Gaspar arrugó la frente un instante.
Micaela continuó hablando:
—Si tuvieras un poquito de sentido común, sabrías que todo mi tiempo y energía están puestos en el laboratorio.
El semblante de Gaspar se endureció, pero siguió mirándola con una calma que parecía inquebrantable.
Micaela ya irradiaba una seguridad que nadie podía ignorar.
—En los negocios se trata de invertir y recuperar, pero la investigación científica no funciona así. Si solo buscas eficiencia y ganancias rápidas, mejor invierte en suplementos alimenticios. ¡En tres meses ya los estarías vendiendo! —lo soltó con sarcasmo.
Los ojos de Gaspar se volvieron más oscuros; el ambiente se tornó tenso, como si el aire se hubiera detenido.
Micaela se le plantó de frente, mirándolo directo:
—¿Todavía quieres cancelar nuestro acuerdo?
Levantó un poco el mentón antes de agregar:
—Te aviso, si detienes este proyecto ahora, los ochocientos millones de pesos que metiste desde el principio quizá los pierdas todos.
Gaspar la observó fijamente.
—¿Me estás amenazando, Micaela?
—¿No es justo lo que tú intentaste hacerme? —reviró ella.
Gaspar, de pronto, soltó una ligera carcajada.
—Has cambiado —admitió internamente.
Ya no era esa Micaela que aguantaba todo en silencio, la que daba un paso atrás ante cualquier cosa. Ahora tenía enfrente a una científica capaz de plantarle cara sin titubear.
Y, aunque no lo reconociera en voz alta, esa nueva versión de ella le resultaba extrañamente atractiva…
Gaspar se pasó la lengua por la mejilla y murmuró:
—Perdón, estaba de malas. Me retracto de lo que dije.
Para Micaela, esa disculpa no tenía ni una pizca de sinceridad. Decidió dejarlo pasar.
De repente, Gaspar se acercó y se colocó a su lado. Se inclinó un poco, como si fuera a decirle algo al oído.
Micaela arrugó la frente, tensándose. Gaspar apoyó una mano sobre el escritorio, quedando tan cerca que ella sintió que la tenía atrapada entre cuatro paredes invisibles.

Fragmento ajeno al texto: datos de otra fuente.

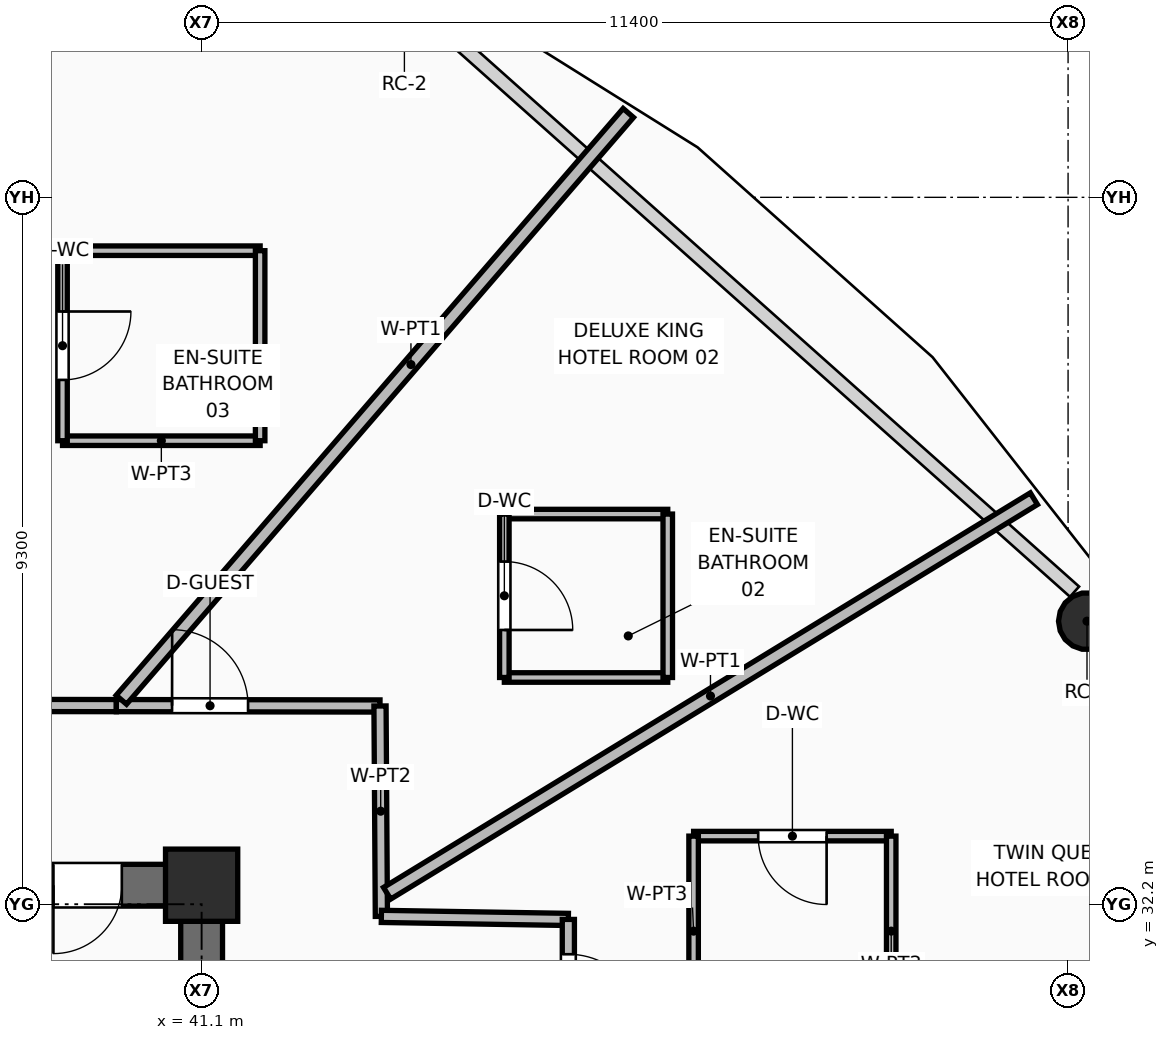
"""IFC4 building model, lengths in metres.
Left out: names, types, materials, properties, quantities, classifications, styles, units other than length and angle.
Written with IfcOpenShell. Run it as: python <this file> out.ifc"""

import sys

from ifc_helpers import new_model, si_unit, direction, frame, frame_2d, origin, origin_2d, place, context, subcontext, project, spatial, rectangle, hollow_circle, extrude, element, fill, save


model = new_model("IFC4")
c1 = context("Model", 3, precision=1e-05, world=origin(), true_north=direction((0.0, 1.0)))
c2 = subcontext(c1, "Body", "Model", "MODEL_VIEW")
j1 = project(units=[si_unit("LENGTHUNIT", "METRE"), si_unit("PLANEANGLEUNIT", "RADIAN")], contexts=[c1])
p1 = place(None, origin())
s1 = spatial("IfcSite", under=j1, at=p1, CompositionType="ELEMENT")
p2 = place(p1, origin())
s2 = spatial("IfcBuilding", under=s1, at=p2, CompositionType="ELEMENT")
p3 = place(p2, frame((0.0, 0.0, 164.7)))
s3 = spatial("IfcBuildingStorey", under=s2, at=p3, CompositionType="ELEMENT", Elevation=164.7)
p4 = place(p3, frame((41.1, 32.45, 0.0), z_axis=(0.0, 0.0, 1.0), x_axis=(1.0, 0.0, 0.0)))
e1 = element("IfcColumn", 1, at=p4, inside=s3, PredefinedType="COLUMN", context=c2, shape_type="SweptSolid", body=[
    extrude(rectangle(XDim=0.95, YDim=0.95, at=origin_2d()), origin(), (0.0, 0.0, 1.0), 3.75),
])
p5 = place(p3, frame((52.749, 35.924, 0.0), z_axis=(0.0, 0.0, 1.0), x_axis=(1.0, 0.0, 0.0)))
e2 = element("IfcColumn", 2, at=p5, inside=s3, PredefinedType="COLUMN", context=c2, shape_type="SweptSolid", body=[
    extrude(hollow_circle(Radius=0.375, WallThickness=0.035, at=origin_2d()), origin(), (0.0, 0.0, 1.0), 3.57),
])
p6 = place(p3, frame((21.625, 32.45, 0.0), z_axis=(0.0, 0.0, 1.0), x_axis=(1.0, 0.0, 0.0)))
e3 = element("IfcWall", 3, at=p6, inside=s3, PredefinedType="SHEAR", context=c2, shape_type="SweptSolid", body=[
    extrude(rectangle(XDim=19.75, YDim=0.55, at=frame_2d((9.875, 0.0))), origin(), (0.0, 0.0, 1.0), 3.57),
])
p7 = place(p6, frame((2.125, 0.0, 0.0)))
e4 = element("IfcOpeningElement", 4, at=p7, cuts=e3, PredefinedType="OPENING", context=c2, shape_type="SweptSolid", body=[
    extrude(rectangle(XDim=1.1, YDim=2.1, at=frame_2d((0.55, 1.05))), frame((0.0, 0.285, 0.0), z_axis=(0.0, -1.0, 0.0), x_axis=(1.0, 0.0, 0.0)), (0.0, 0.0, 1.0), 0.57),
])
p8 = place(p6, frame((15.515, 0.0, 0.0)))
e5 = element("IfcOpeningElement", 5, at=p8, cuts=e3, PredefinedType="OPENING", context=c2, shape_type="SweptSolid", body=[
    extrude(rectangle(XDim=1.0, YDim=2.1, at=frame_2d((0.5, 1.05))), frame((0.0, 0.285, 0.0), z_axis=(0.0, -1.0, 0.0), x_axis=(1.0, 0.0, 0.0)), (0.0, 0.0, 1.0), 0.57),
])
p9 = place(p6, frame((17.525, 0.0, 0.0)))
e6 = element("IfcOpeningElement", 6, at=p9, cuts=e3, PredefinedType="OPENING", context=c2, shape_type="SweptSolid", body=[
    extrude(rectangle(XDim=0.9, YDim=2.1, at=frame_2d((0.45, 1.05))), frame((0.0, 0.285, 0.0), z_axis=(0.0, -1.0, 0.0), x_axis=(1.0, 0.0, 0.0)), (0.0, 0.0, 1.0), 0.57),
])
p10 = place(p3, frame((41.1, 18.075, 0.0), z_axis=(0.0, 0.0, 1.0), x_axis=(0.0, 1.0, 0.0)))
e7 = element("IfcWall", 7, at=p10, inside=s3, PredefinedType="SHEAR", context=c2, shape_type="SweptSolid", body=[
    extrude(rectangle(XDim=14.1, YDim=0.55, at=frame_2d((7.05, 0.0))), origin(), (0.0, 0.0, 1.0), 3.57),
])
p11 = place(p10, frame((3.385, 0.0, 0.0)))
e8 = element("IfcOpeningElement", 8, at=p11, cuts=e7, PredefinedType="OPENING", context=c2, shape_type="SweptSolid", body=[
    extrude(rectangle(XDim=1.05, YDim=2.1, at=frame_2d((0.525, 1.05))), frame((0.0, 0.285, 0.0), z_axis=(0.0, -1.0, 0.0), x_axis=(1.0, 0.0, 0.0)), (0.0, 0.0, 1.0), 0.57),
])
p12 = place(p3, frame((38.54, 34.815, 0.0), z_axis=(0.0, 0.0, 1.0), x_axis=(0.999999077601, -0.001358233043, 0.0)))
e9 = element("IfcWall", 9, at=p12, inside=s3, PredefinedType="PARTITIONING", context=c2, shape_type="SweptSolid", body=[
    extrude(rectangle(XDim=1.438, YDim=0.16, at=frame_2d((0.719, 0.0))), origin(), (0.0, 0.0, 1.0), 3.55),
])
p13 = place(p3, frame((39.978, 34.813, 0.0), z_axis=(0.0, 0.0, 1.0), x_axis=(0.999999009391, -0.001407557195, 0.0)))
e10 = element("IfcWall", 10, at=p13, inside=s3, PredefinedType="PARTITIONING", context=c2, shape_type="SweptSolid", body=[
    extrude(rectangle(XDim=3.469, YDim=0.16, at=frame_2d((1.734, 0.0))), origin(), (0.0, 0.0, 1.0), 3.006),
])
p14 = place(p13, frame((0.733, 0.0, 0.0)))
e11 = element("IfcOpeningElement", 11, at=p14, cuts=e10, PredefinedType="OPENING", context=c2, shape_type="SweptSolid", body=[
    extrude(rectangle(XDim=1.0, YDim=2.1, at=frame_2d((0.5, 1.05))), frame((0.0, 0.09, 0.0), z_axis=(0.0, -1.0, 0.0), x_axis=(1.0, 0.0, 0.0)), (0.0, 0.0, 1.0), 0.18),
])
p15 = place(p3, frame((43.447, 34.808, 0.0), z_axis=(0.0, 0.0, 1.0), x_axis=(0.006526585281, -0.999978701615, 0.0)))
e12 = element("IfcWall", 12, at=p15, inside=s3, PredefinedType="PARTITIONING", context=c2, shape_type="SweptSolid", body=[
    extrude(rectangle(XDim=2.768, YDim=0.16, at=frame_2d((1.384, 0.0))), origin(), (0.0, 0.0, 1.0), 3.006),
])
p16 = place(p3, frame((43.465, 32.04, 0.0), z_axis=(0.0, 0.0, 1.0), x_axis=(0.999867567339, -0.016274144605, 0.0)))
e13 = element("IfcWall", 13, at=p16, inside=s3, PredefinedType="PARTITIONING", context=c2, shape_type="SweptSolid", body=[
    extrude(rectangle(XDim=2.46, YDim=0.16, at=frame_2d((1.23, 0.0))), origin(), (0.0, 0.0, 1.0), 3.55),
])
p17 = place(p3, frame((45.925, 32.0, 0.0), z_axis=(0.0, 0.0, 1.0), x_axis=(0.0, -1.0, 0.0)))
e14 = element("IfcWall", 14, at=p17, inside=s3, PredefinedType="PARTITIONING", context=c2, shape_type="SweptSolid", body=[
    extrude(rectangle(XDim=3.259, YDim=0.16, at=frame_2d((1.629, 0.0))), origin(), (0.0, 0.0, 1.0), 3.55),
])
p18 = place(p17, frame((0.458, 0.0, 0.0)))
e15 = element("IfcOpeningElement", 15, at=p18, cuts=e14, PredefinedType="OPENING", context=c2, shape_type="SweptSolid", body=[
    extrude(rectangle(XDim=1.0, YDim=2.1, at=frame_2d((0.5, 1.05))), frame((0.0, 0.09, 0.0), z_axis=(0.0, -1.0, 0.0), x_axis=(1.0, 0.0, 0.0)), (0.0, 0.0, 1.0), 0.18),
])
p19 = place(p3, frame((43.54, 32.344, 0.0), z_axis=(0.0, 0.0, 1.0), x_axis=(0.853711993856, 0.520745457537, 0.0)))
e16 = element("IfcWall", 16, at=p19, inside=s3, PredefinedType="PARTITIONING", context=c2, shape_type="SweptSolid", body=[
    extrude(rectangle(XDim=9.968, YDim=0.18, at=frame_2d((4.984, 0.0))), origin(), (0.0, 0.0, 1.0), 2.852),
])
p20 = place(p3, frame((40.044, 34.89, 0.0), z_axis=(0.0, 0.0, 1.0), x_axis=(0.653771871809, 0.756691707125, 0.0)))
e17 = element("IfcWall", 17, at=p20, inside=s3, PredefinedType="PARTITIONING", context=c2, shape_type="SweptSolid", body=[
    extrude(rectangle(XDim=10.203, YDim=0.18, at=frame_2d((5.101, 0.0))), origin(), (0.0, 0.0, 1.0), 2.852),
])
p21 = place(p3, frame((47.573, 33.096, 0.0), z_axis=(0.0, 0.0, 1.0), x_axis=(1.0, 0.0, 0.0)))
e18 = element("IfcWall", 18, at=p21, inside=s3, PredefinedType="PARTITIONING", context=c2, shape_type="SweptSolid", body=[
    extrude(rectangle(XDim=2.6, YDim=0.125, at=frame_2d((1.3, 0.0))), origin(), (0.0, 0.0, 1.0), 3.55),
])
p22 = place(p21, frame((0.85, 0.0, 0.0)))
e19 = element("IfcOpeningElement", 19, at=p22, cuts=e18, PredefinedType="OPENING", context=c2, shape_type="SweptSolid", body=[
    extrude(rectangle(XDim=0.9, YDim=2.1, at=frame_2d((0.45, 1.05))), frame((0.0, 0.073, 0.0), z_axis=(0.0, -1.0, 0.0), x_axis=(1.0, 0.0, 0.0)), (0.0, 0.0, 1.0), 0.145),
])
for number, where, z_axis, x_axis in (
    (20, (47.573, 30.596, 0.0), (0.0, 0.0, 1.0), (0.0, 1.0, 0.0)),
    (21, (50.173, 30.596, 0.0), (0.0, 0.0, 1.0), (0.0, 1.0, 0.0)),
):
    element("IfcWall", number, at=place(p3, frame(where, z_axis=z_axis, x_axis=x_axis)), inside=s3, PredefinedType="PARTITIONING", context=c2, shape_type="SweptSolid", body=[
        extrude(rectangle(XDim=2.5, YDim=0.125, at=frame_2d((1.25, 0.0))), origin(), (0.0, 0.0, 1.0), 3.55),
    ])
for number, where, z_axis, x_axis in (
    (22, (45.083, 35.183, 0.0), (0.0, 0.0, 1.0), (1.0, 0.0, 0.0)),
    (23, (45.083, 37.333, 0.0), (0.0, 0.0, 1.0), (1.0, 0.0, 0.0)),
):
    element("IfcWall", number, at=place(p3, frame(where, z_axis=z_axis, x_axis=x_axis)), inside=s3, PredefinedType="PARTITIONING", context=c2, shape_type="SweptSolid", body=[
        extrude(rectangle(XDim=2.15, YDim=0.125, at=frame_2d((1.075, 0.0))), origin(), (0.0, 0.0, 1.0), 3.55),
    ])
p23 = place(p3, frame((45.083, 35.183, 0.0), z_axis=(0.0, 0.0, 1.0), x_axis=(0.0, 1.0, 0.0)))
e24 = element("IfcWall", 24, at=p23, inside=s3, PredefinedType="PARTITIONING", context=c2, shape_type="SweptSolid", body=[
    extrude(rectangle(XDim=2.15, YDim=0.125, at=frame_2d((1.075, 0.0))), origin(), (0.0, 0.0, 1.0), 3.55),
])
p24 = place(p23, frame((0.625, 0.0, 0.0)))
e25 = element("IfcOpeningElement", 25, at=p24, cuts=e24, PredefinedType="OPENING", context=c2, shape_type="SweptSolid", body=[
    extrude(rectangle(XDim=0.9, YDim=2.1, at=frame_2d((0.45, 1.05))), frame((0.0, 0.073, 0.0), z_axis=(0.0, -1.0, 0.0), x_axis=(1.0, 0.0, 0.0)), (0.0, 0.0, 1.0), 0.145),
])
p25 = place(p3, frame((47.233, 35.183, 0.0), z_axis=(0.0, 0.0, 1.0), x_axis=(0.0, 1.0, 0.0)))
e26 = element("IfcWall", 26, at=p25, inside=s3, PredefinedType="PARTITIONING", context=c2, shape_type="SweptSolid", body=[
    extrude(rectangle(XDim=2.15, YDim=0.125, at=frame_2d((1.075, 0.0))), origin(), (0.0, 0.0, 1.0), 3.55),
])
for number, where, z_axis, x_axis in (
    (27, (39.27, 38.298, 0.0), (0.0, 0.0, 1.0), (1.0, 0.0, 0.0)),
    (28, (39.27, 40.798, 0.0), (0.0, 0.0, 1.0), (1.0, 0.0, 0.0)),
):
    element("IfcWall", number, at=place(p3, frame(where, z_axis=z_axis, x_axis=x_axis)), inside=s3, PredefinedType="PARTITIONING", context=c2, shape_type="SweptSolid", body=[
        extrude(rectangle(XDim=2.6, YDim=0.125, at=frame_2d((1.3, 0.0))), origin(), (0.0, 0.0, 1.0), 3.55),
    ])
p26 = place(p3, frame((39.27, 38.298, 0.0), z_axis=(0.0, 0.0, 1.0), x_axis=(0.0, 1.0, 0.0)))
e29 = element("IfcWall", 29, at=p26, inside=s3, PredefinedType="PARTITIONING", context=c2, shape_type="SweptSolid", body=[
    extrude(rectangle(XDim=2.5, YDim=0.125, at=frame_2d((1.25, 0.0))), origin(), (0.0, 0.0, 1.0), 3.55),
])
p27 = place(p26, frame((0.8, 0.0, 0.0)))
e30 = element("IfcOpeningElement", 30, at=p27, cuts=e29, PredefinedType="OPENING", context=c2, shape_type="SweptSolid", body=[
    extrude(rectangle(XDim=0.9, YDim=2.1, at=frame_2d((0.45, 1.05))), frame((0.0, 0.073, 0.0), z_axis=(0.0, -1.0, 0.0), x_axis=(1.0, 0.0, 0.0)), (0.0, 0.0, 1.0), 0.145),
])
p28 = place(p3, frame((41.87, 38.298, 0.0), z_axis=(0.0, 0.0, 1.0), x_axis=(0.0, 1.0, 0.0)))
e31 = element("IfcWall", 31, at=p28, inside=s3, PredefinedType="PARTITIONING", context=c2, shape_type="SweptSolid", body=[
    extrude(rectangle(XDim=2.5, YDim=0.125, at=frame_2d((1.25, 0.0))), origin(), (0.0, 0.0, 1.0), 3.55),
])
p29 = place(p9, frame((0.9, 0.0, 0.0), z_axis=(0.0, 0.0, 1.0), x_axis=(-1.0, 0.0, 0.0)))
e32 = element("IfcDoor", 32, at=p29, inside=s3, OperationType="SINGLE_SWING_RIGHT", PredefinedType="DOOR", context=c2, shape_type="SweptSolid", body=[
    extrude(rectangle(XDim=0.9, YDim=2.1, at=frame_2d((0.45, 1.05))), frame((0.0, 0.025, 0.0), z_axis=(0.0, -1.0, 0.0), x_axis=(1.0, 0.0, 0.0)), (0.0, 0.0, 1.0), 0.05),
])
fill(e6, e32)
p30 = place(p22, frame((0.9, 0.0, 0.0), z_axis=(0.0, 0.0, 1.0), x_axis=(-1.0, 0.0, 0.0)))
e33 = element("IfcDoor", 33, at=p30, inside=s3, OperationType="SINGLE_SWING_LEFT", PredefinedType="DOOR", context=c2, shape_type="SweptSolid", body=[
    extrude(rectangle(XDim=0.9, YDim=2.1, at=frame_2d((0.45, 1.05))), frame((0.0, 0.025, 0.0), z_axis=(0.0, -1.0, 0.0), x_axis=(1.0, 0.0, 0.0)), (0.0, 0.0, 1.0), 0.05),
])
fill(e19, e33)
p31 = place(p18, origin())
e34 = element("IfcDoor", 34, at=p31, inside=s3, OperationType="SINGLE_SWING_RIGHT", PredefinedType="DOOR", context=c2, shape_type="SweptSolid", body=[
    extrude(rectangle(XDim=1.0, YDim=2.1, at=frame_2d((0.5, 1.05))), frame((0.0, 0.025, 0.0), z_axis=(0.0, -1.0, 0.0), x_axis=(1.0, 0.0, 0.0)), (0.0, 0.0, 1.0), 0.05),
])
fill(e15, e34)
p32 = place(p24, frame((0.9, 0.0, 0.0), z_axis=(0.0, 0.0, 1.0), x_axis=(-1.0, 0.0, 0.0)))
e35 = element("IfcDoor", 35, at=p32, inside=s3, OperationType="SINGLE_SWING_RIGHT", PredefinedType="DOOR", context=c2, shape_type="SweptSolid", body=[
    extrude(rectangle(XDim=0.9, YDim=2.1, at=frame_2d((0.45, 1.05))), frame((0.0, 0.025, 0.0), z_axis=(0.0, -1.0, 0.0), x_axis=(1.0, 0.0, 0.0)), (0.0, 0.0, 1.0), 0.05),
])
fill(e25, e35)
p33 = place(p14, origin())
e36 = element("IfcDoor", 36, at=p33, inside=s3, OperationType="SINGLE_SWING_LEFT", PredefinedType="DOOR", context=c2, shape_type="SweptSolid", body=[
    extrude(rectangle(XDim=1.0, YDim=2.1, at=frame_2d((0.5, 1.05))), frame((0.0, 0.025, 0.0), z_axis=(0.0, -1.0, 0.0), x_axis=(1.0, 0.0, 0.0)), (0.0, 0.0, 1.0), 0.05),
])
fill(e11, e36)
p34 = place(p27, frame((0.9, 0.0, 0.0), z_axis=(0.0, 0.0, 1.0), x_axis=(-1.0, 0.0, 0.0)))
e37 = element("IfcDoor", 37, at=p34, inside=s3, OperationType="SINGLE_SWING_LEFT", PredefinedType="DOOR", context=c2, shape_type="SweptSolid", body=[
    extrude(rectangle(XDim=0.9, YDim=2.1, at=frame_2d((0.45, 1.05))), frame((0.0, 0.025, 0.0), z_axis=(0.0, -1.0, 0.0), x_axis=(1.0, 0.0, 0.0)), (0.0, 0.0, 1.0), 0.05),
])
fill(e30, e37)
save(model, sys.argv[1])

—El proyecto sigue —dijo finalmente él, retirando la mano. Su voz volvió al tono seco y profesional de siempre—. Pero el plazo de tres meses no cambia.
Esta vez, Micaela salió ganando.
Sin decir más, tomó el reporte, colgó su bolso y se dispuso a irse.
—Por la tarde voy a recoger a Pilar. Quiero llevarla a cenar —le avisó Gaspar.
La expresión de Micaela se endureció. Se volteó y contestó:
—Te dejo que la lleves a cenar, pero si piensas presentarle a cualquier persona rara, no lo permito.
Gaspar se quedó quieto y luego sonrió apenas.
—De acuerdo.
Micaela, molesta, salió dando un portazo. ¿Y esa sonrisita qué significaba? ¿A poco pensaba que ella seguía celosa, que todavía le importaba? Nada más lejos. Pero tenía que admitirlo: Gaspar todavía podía desordenarle el corazón, porque las heridas que él le había dejado seguían doliendo.
Ya que Gaspar se haría cargo de su hija, Micaela se sumergió de nuevo en el trabajo, sin darse cuenta de las horas. Cuando por fin se quitó los lentes de seguridad, descubrió que ya eran las nueve de la noche. Se alarmó y se apresuró a recoger sus cosas para regresar a casa.
Cuando llegó, ya eran las nueve con cuarenta. Abrió la puerta y enseguida escuchó la risa de su hija y la voz de Gaspar.
Pepa, que estaba junto a Gaspar, se levantó de inmediato para saludarla.
—¡Mamá! —Pilar corrió a abrazarla. Se le notaba la felicidad en la mirada.
—¿Señora, ya comió? ¿Quiere que le prepare algo? —preguntó Sofía, preocupada.